Wrigley Field will feature a patio area that resembles a neighborhood rooftop. (Chicago Cubs)
With a sputtering economy and local governments mired in financial crisis, the Chicago Cubs can't afford to renovate Wrigley Field like they want to — or like they really need to. It's simply not a good time for the Ricketts ownership to be asking the city of Chicago, or heaven forbid the state of Illinois, for assistance with bonds and whatnot.
So the Cubs are doing a little bit here and there to nudge Wrigley into the 21st century as she approaches her 100th birthday in 2014. During the team's fan convention over the weekend, the Cubs announced they would be converting seating in right field into a premium patio area that will resemble neighborhood rooftops. They're also putting in a 75-foot long LED scoreboard just above the ivy, though not one big enough for video.
Newfangled stuff in Wrigley Field? Say it ain't so!In all honesty, it needs to be so, to maximize revenue streams (i.e., make as much money as possible.) The team rebuilt the iconic bleachers before the 2006 season, and this time they're removing a section of seats near the right-field foul pole. So, the new patio won't be for the common folk. Cubs team president Crane Kenney used the word "client" when describing who he expects to use the new section, which will hold 150 fans.

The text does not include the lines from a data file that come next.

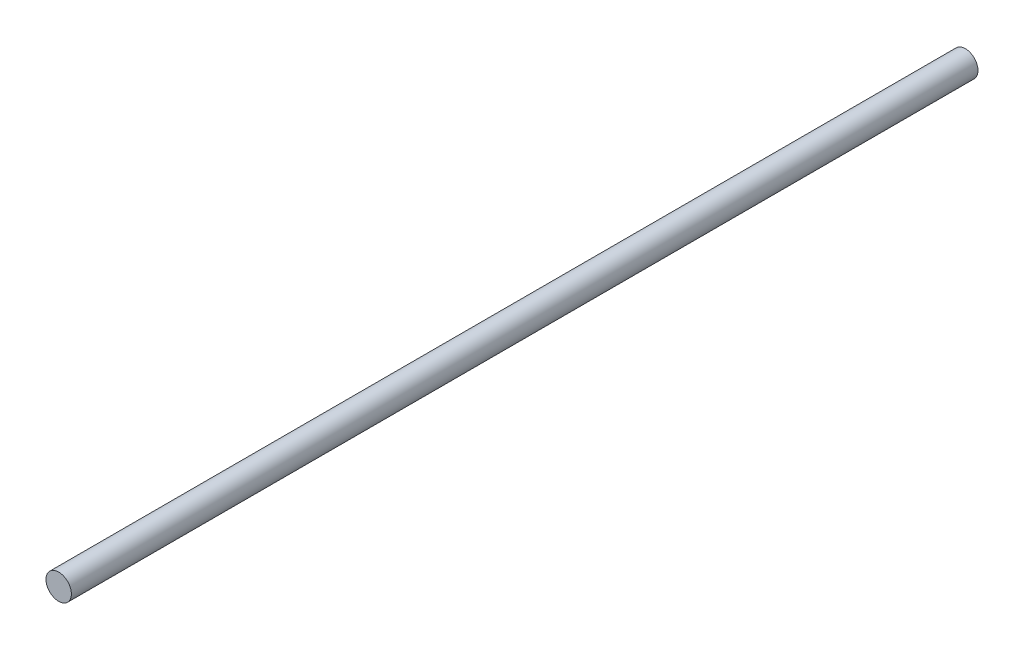
SolidWorks part; units mm, degrees
ref_plane "Front Plane" through (0, 0, 0) normal (0, 0, 1) x (1, 0, 0)
ref_plane "Top Plane" through (0, 0, 0) normal (0, 1, 0) x (1, 0, 0)
ref_plane "Right Plane" through (0, 0, 0) normal (1, 0, 0) x (0, 0, -1)
other "Configuration Table"
sketch "Sketch1" plane through (0, 0, 0) normal (0, 0, 1) x (1, 0, 0)
  circle A0 centre (0, 0) radius 2.5
  dimension "D1" = 5
extrude "Boss-Extrude1" add sketch "Sketch1" along normal blind 178.5

"[It will be] a place where you can bring clients, move around in the space and not just be fixed," Kenney said. "If I'm in seat [No. 1] and my clients are in seats two through eight, I don't get to talk to the person in seat [No. 8]. It's a chance to circulate.
"What we're finding both for our suites as well as other parts of the ballpark is that people want to be able to circulate — you see it on the rooftops."
Back in the 1980s, when Wrigley's neighbors started transforming the rooftop experience into something beyond lawn chairs, a Smoky Joe grill and a cooler full of Budweiser, the Cubs should have purchased some — if not all — of the buildings along Waveland and Sheffield avenues. That way, they could have been a part of growing an experience outside of the ballpark that was actually cooler than what was going on inside much of the time.
Instead, team ownership just let Wrigley get older while the neighborhood gentrified and became some of the hottest property in Chicago. Nowadays, the Cubs are playing catch-up. Just like Theo Epstein is playing catch-up with the team's computer system, its minor leagues and its major league roster. The Cubs makeover really is top to bottom.
This is a nice project to keep the Cubs busy, but what Wrigley needs is a major renovation from foul pole to foul pole. Bigger concourses. More suites. Expanded player clubhouses and team offices. A second elevator. But again, that's big money. As long as Wrigley doesn't collapse upon itself, it will have to wait.